Este trabalho apresenta um estudo de caso de demarcação do
perímetro de um destes Núcleos a partir da execução do Plano Diretor
Participativo 2005 – 2050 no município de Itaúna – M.G. e na Comunidade Rural de
Córrego do Soldado.
Palavras - chave: demarcação de perímetros urbanos e rurais,
planos diretores participativos.
ABSTRACT
Along the time, the economical and demographic growth can be
considered slow in most of the countries. Until the century XIX, the men were
essentially farmers. But, starting from the century XX, happened a demographic
transformation of multiple effects that started to be more relevant to the
changes economical, social, politics and cultural that were produced since the
beginning of the century XIX and ended for culminating in the denominated
Industrial Revolution. Starting from then, the agriculture changed; the trade
and the means of transportation had great growth. The cities multiplied and
started to be more important.
The division among the primary sections (agriculture and
livestock), secondary (industry) and tertiary (trade and services), increased in
world scale, and the population economically active, maid in the secondary
section, started to assume more importance in the workforce.

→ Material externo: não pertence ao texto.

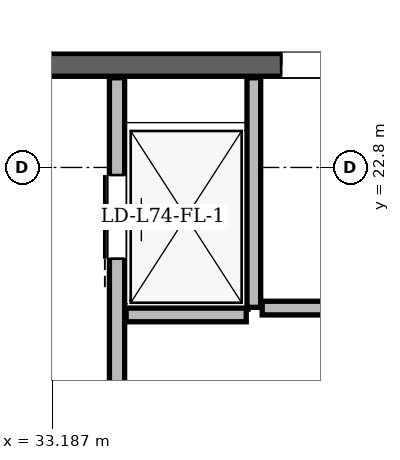
"""IFC4 building model, lengths in metres.
Left out: names, types, materials, properties, quantities, classifications, styles, units other than length and angle.
Written with IfcOpenShell. Run it as: python <this file> out.ifc"""

import sys

from ifc_helpers import new_model, si_unit, direction, frame, frame_2d, origin, place, context, subcontext, project, spatial, rectangle, extrude, element, fill, save


model = new_model("IFC4")
c1 = context("Model", 3, precision=1e-05, world=origin(), true_north=direction((0.0, 1.0)))
c2 = subcontext(c1, "Body", "Model", "MODEL_VIEW")
j1 = project(units=[si_unit("LENGTHUNIT", "METRE"), si_unit("PLANEANGLEUNIT", "RADIAN")], contexts=[c1])
p1 = place(None, origin())
s1 = spatial("IfcSite", under=j1, at=p1, CompositionType="ELEMENT")
p2 = place(p1, origin())
s2 = spatial("IfcBuilding", under=s1, at=p2, CompositionType="ELEMENT")
p3 = place(p2, frame((0.0, 0.0, 281.1)))
s3 = spatial("IfcBuildingStorey", under=s2, at=p3, CompositionType="ELEMENT", Elevation=281.1)
p4 = place(p3, frame((29.65, 24.15, 0.0), z_axis=(0.0, 0.0, 1.0), x_axis=(1.0, 0.0, 0.0)))
e1 = element("IfcWall", 1, at=p4, inside=s3, PredefinedType="SHEAR", context=c2, shape_type="SweptSolid", body=[
    extrude(rectangle(XDim=15.7, YDim=0.3, at=frame_2d((7.85, 0.0))), origin(), (0.0, 0.0, 1.0), 3.68),
])
p5 = place(p4, frame((1.7, 0.0, 0.0)))
e2 = element("IfcOpeningElement", 2, at=p5, cuts=e1, PredefinedType="OPENING", context=c2, shape_type="SweptSolid", body=[
    extrude(rectangle(XDim=1.2, YDim=2.2, at=frame_2d((0.6, 1.1))), frame((0.0, 0.15, 0.0), z_axis=(0.0, -1.0, 0.0), x_axis=(1.0, 0.0, 0.0)), (0.0, 0.0, 1.0), 0.3),
])
p6 = place(p4, frame((12.8, 0.0, 0.0)))
e3 = element("IfcOpeningElement", 3, at=p6, cuts=e1, PredefinedType="OPENING", context=c2, shape_type="SweptSolid", body=[
    extrude(rectangle(XDim=1.2, YDim=2.2, at=frame_2d((0.6, 1.1))), frame((0.0, 0.15, 0.0), z_axis=(0.0, -1.0, 0.0), x_axis=(1.0, 0.0, 0.0)), (0.0, 0.0, 1.0), 0.3),
])
p7 = place(p4, frame((6.55, 0.0, 0.0)))
e4 = element("IfcOpeningElement", 4, at=p7, cuts=e1, PredefinedType="OPENING", context=c2, shape_type="SweptSolid", body=[
    extrude(rectangle(XDim=0.9, YDim=2.05, at=frame_2d((0.45, 1.025))), frame((0.0, 0.15, 0.0), z_axis=(0.0, -1.0, 0.0), x_axis=(1.0, 0.0, 0.0)), (0.0, 0.0, 1.0), 0.3),
])
p8 = place(p4, frame((8.45, 0.0, 0.0)))
e5 = element("IfcOpeningElement", 5, at=p8, cuts=e1, PredefinedType="OPENING", context=c2, shape_type="SweptSolid", body=[
    extrude(rectangle(XDim=0.9, YDim=2.05, at=frame_2d((0.45, 1.025))), frame((0.0, 0.15, 0.0), z_axis=(0.0, -1.0, 0.0), x_axis=(1.0, 0.0, 0.0)), (0.0, 0.0, 1.0), 0.3),
])
p9 = place(p3, frame((35.264, 43.004, 0.0), z_axis=(0.0, 0.0, 1.0), x_axis=(-0.500002460556, -0.866023983177, 0.0)))
e6 = element("IfcWall", 6, at=p9, inside=s3, PredefinedType="SOLIDWALL", context=c2, shape_type="SweptSolid", body=[
    extrude(rectangle(XDim=37.435, YDim=0.29, at=frame_2d((18.718, 0.0))), origin(), (0.0, 0.0, 1.0), 3.058),
])
p10 = place(p9, frame((3.639, 0.0, 0.0)))
e7 = element("IfcOpeningElement", 7, at=p10, cuts=e6, PredefinedType="OPENING", context=c2, shape_type="SweptSolid", body=[
    extrude(rectangle(XDim=1.5, YDim=2.2, at=frame_2d((0.75, 1.1))), frame((0.0, 0.145, 0.0), z_axis=(0.0, -1.0, 0.0), x_axis=(1.0, 0.0, 0.0)), (0.0, 0.0, 1.0), 0.29),
])
p11 = place(p9, frame((27.481, 0.0, 0.0)))
e8 = element("IfcOpeningElement", 8, at=p11, cuts=e6, PredefinedType="OPENING", context=c2, shape_type="SweptSolid", body=[
    extrude(rectangle(XDim=1.5, YDim=2.2, at=frame_2d((0.75, 1.1))), frame((0.0, 0.145, 0.0), z_axis=(0.0, -1.0, 0.0), x_axis=(1.0, 0.0, 0.0)), (0.0, 0.0, 1.0), 0.29),
])
p12 = place(p9, frame((35.251, 0.0, 0.85)))
e9 = element("IfcOpeningElement", 9, at=p12, cuts=e6, PredefinedType="OPENING", context=c2, shape_type="SweptSolid", body=[
    extrude(rectangle(XDim=1.2, YDim=1.48, at=frame_2d((0.6, 0.74))), frame((0.0, 0.145, 0.0), z_axis=(0.0, -1.0, 0.0), x_axis=(1.0, 0.0, 0.0)), (0.0, 0.0, 1.0), 0.29),
])
p13 = place(p9, frame((29.441, 0.0, 0.85)))
e10 = element("IfcOpeningElement", 10, at=p13, cuts=e6, PredefinedType="OPENING", context=c2, shape_type="SweptSolid", body=[
    extrude(rectangle(XDim=1.2, YDim=1.48, at=frame_2d((0.6, 0.74))), frame((0.0, 0.145, 0.0), z_axis=(0.0, -1.0, 0.0), x_axis=(1.0, 0.0, 0.0)), (0.0, 0.0, 1.0), 0.29),
])
p14 = place(p9, frame((32.709, 0.0, 0.85)))
e11 = element("IfcOpeningElement", 11, at=p14, cuts=e6, PredefinedType="OPENING", context=c2, shape_type="SweptSolid", body=[
    extrude(rectangle(XDim=1.2, YDim=1.48, at=frame_2d((0.6, 0.74))), frame((0.0, 0.145, 0.0), z_axis=(0.0, -1.0, 0.0), x_axis=(1.0, 0.0, 0.0)), (0.0, 0.0, 1.0), 0.29),
])
p15 = place(p9, frame((20.345, 0.0, 0.85)))
e12 = element("IfcOpeningElement", 12, at=p15, cuts=e6, PredefinedType="OPENING", context=c2, shape_type="SweptSolid", body=[
    extrude(rectangle(XDim=1.2, YDim=1.48, at=frame_2d((0.6, 0.74))), frame((0.0, 0.145, 0.0), z_axis=(0.0, -1.0, 0.0), x_axis=(1.0, 0.0, 0.0)), (0.0, 0.0, 1.0), 0.29),
])
p16 = place(p9, frame((22.614, 0.0, 0.85)))
e13 = element("IfcOpeningElement", 13, at=p16, cuts=e6, PredefinedType="OPENING", context=c2, shape_type="SweptSolid", body=[
    extrude(rectangle(XDim=1.2, YDim=1.48, at=frame_2d((0.6, 0.74))), frame((0.0, 0.145, 0.0), z_axis=(0.0, -1.0, 0.0), x_axis=(1.0, 0.0, 0.0)), (0.0, 0.0, 1.0), 0.29),
])
p17 = place(p9, frame((1.862, 0.0, 0.85)))
e14 = element("IfcOpeningElement", 14, at=p17, cuts=e6, PredefinedType="OPENING", context=c2, shape_type="SweptSolid", body=[
    extrude(rectangle(XDim=1.2, YDim=1.48, at=frame_2d((0.6, 0.74))), frame((0.0, 0.145, 0.0), z_axis=(0.0, -1.0, 0.0), x_axis=(1.0, 0.0, 0.0)), (0.0, 0.0, 1.0), 0.29),
])
p18 = place(p9, frame((8.825, 0.0, 0.85)))
e15 = element("IfcOpeningElement", 15, at=p18, cuts=e6, PredefinedType="OPENING", context=c2, shape_type="SweptSolid", body=[
    extrude(rectangle(XDim=1.2, YDim=1.48, at=frame_2d((0.6, 0.74))), frame((0.0, 0.145, 0.0), z_axis=(0.0, -1.0, 0.0), x_axis=(1.0, 0.0, 0.0)), (0.0, 0.0, 1.0), 0.29),
])
p19 = place(p3, frame((34.04, 19.48, 0.0), z_axis=(0.0, 0.0, 1.0), x_axis=(0.0, 1.0, 0.0)))
e16 = element("IfcWall", 16, at=p19, inside=s3, PredefinedType="PARTITIONING", context=c2, shape_type="SweptSolid", body=[
    extrude(rectangle(XDim=4.5, YDim=0.2, at=frame_2d((2.25, 0.0))), origin(), (0.0, 0.0, 1.0), 3.68),
])
p20 = place(p19, frame((2.12, 0.0, 0.0)))
e17 = element("IfcOpeningElement", 17, at=p20, cuts=e16, PredefinedType="OPENING", context=c2, shape_type="SweptSolid", body=[
    extrude(rectangle(XDim=1.1, YDim=2.2, at=frame_2d((0.55, 1.1))), frame((0.0, 0.1, 0.0), z_axis=(0.0, -1.0, 0.0), x_axis=(1.0, 0.0, 0.0)), (0.0, 0.0, 1.0), 0.2),
])
p21 = place(p3, frame((35.84, 20.96, 0.0), z_axis=(0.0, 0.0, 1.0), x_axis=(0.0, 1.0, 0.0)))
e18 = element("IfcWall", 18, at=p21, inside=s3, PredefinedType="PARTITIONING", context=c2, shape_type="SweptSolid", body=[
    extrude(rectangle(XDim=3.02, YDim=0.18, at=frame_2d((1.51, 0.0))), origin(), (0.0, 0.0, 1.0), 3.68),
])
p22 = place(p3, frame((34.16, 20.86, 0.0), z_axis=(0.0, 0.0, 1.0), x_axis=(1.0, 0.0, 0.0)))
e19 = element("IfcWall", 19, at=p22, inside=s3, PredefinedType="PARTITIONING", context=c2, shape_type="SweptSolid", body=[
    extrude(rectangle(XDim=1.58, YDim=0.18, at=frame_2d((0.79, 0.0))), origin(), (0.0, 0.0, 1.0), 3.68),
])
p23 = place(p3, frame((35.95, 20.95, 0.0), z_axis=(0.0, 0.0, 1.0), x_axis=(1.0, 0.0, 0.0)))
e20 = element("IfcWall", 20, at=p23, inside=s3, PredefinedType="PARTITIONING", context=c2, shape_type="SweptSolid", body=[
    extrude(rectangle(XDim=3.1, YDim=0.18, at=frame_2d((1.55, 0.0))), origin(), (0.0, 0.0, 1.0), 3.68),
])
p24 = place(p20, origin())
e21 = element("IfcDoor", 21, at=p24, inside=s3, OperationType="SLIDING_TO_LEFT", PredefinedType="DOOR", context=c2, shape_type="SweptSolid", body=[
    extrude(rectangle(XDim=1.1, YDim=2.2, at=frame_2d((0.55, 1.1))), frame((0.0, 0.025, 0.0), z_axis=(0.0, -1.0, 0.0), x_axis=(1.0, 0.0, 0.0)), (0.0, 0.0, 1.0), 0.05),
])
fill(e17, e21)
p25 = place(p7, origin())
e22 = element("IfcDoor", 22, at=p25, inside=s3, OperationType="SINGLE_SWING_LEFT", PredefinedType="DOOR", context=c2, shape_type="SweptSolid", body=[
    extrude(rectangle(XDim=0.9, YDim=2.05, at=frame_2d((0.45, 1.025))), frame((0.0, 0.025, 0.0), z_axis=(0.0, -1.0, 0.0), x_axis=(1.0, 0.0, 0.0)), (0.0, 0.0, 1.0), 0.05),
])
fill(e4, e22)
save(model, sys.argv[1])

About 2,5 billion men and women live in the rural areas of the
whole planet, and 2 billion are farmers that cultivate about 1,5 billion
hectares, in other words, approximately 10% of the lands emerged. But the
distribution of the wealth that dispose those different groups doesn't
correspond to the distribution of the population. And this distribution of
wealth and resources are visible, mainly in the infrastructure absence offered
in the space that inhabits this population.
This situation if incorporate to the modification of the rural
ways (rural atmospheres) during the century XX and beginning of this century,
which hindered classification in rural front to the urban in a lot recognized
until then, it puts the discussion need of how to demarcate the perimeters of
the urban thirsts and of the rural space of the municipal districts.
With the defined obligatory implantation for the Ministry of the
Cities, of the Master plans for the cities with more than 20.000 inhabitants or
that are part of Metropolitan Areas to October of 2006, this discussion won
space among the urban planners. Due to the diagnosed reality and of the longings
put by the population appears, as solution, a new dimension of zoning of the
rural areas - the Isolated Urban Nuclei.
This work presents a study of case of demarcation of the perimeter
of one of these Nuclei starting from the execution of the Master plan 2005 -
2050 in the municipal district of Itaúna - M.G. and in the Rural Community known
as Córrego do Soldado.
key words: demarcation of urban and rural perimeters, master
plans.
- INTRODUÇÃO
Podem ser consideradas como várias e evidentes as dificuldades
conceituais e metodológicas pelas quais, há bastante tempo, os planejadores
urbanos, formuladores de políticas públicas, demógrafos e pesquisadores de
diversas áreas do conhecimento enfrentam para formular definições do que é rural
e urbano no Brasil. Aspectos como as configurações econômicas ligadas,
principalmente, às atividades que se desenvolvem em cada local, e também
sócio-espaciais são relevantes na definição de recortes espaciais mais próximos
da configuração do espaço rural e urbano no Brasil.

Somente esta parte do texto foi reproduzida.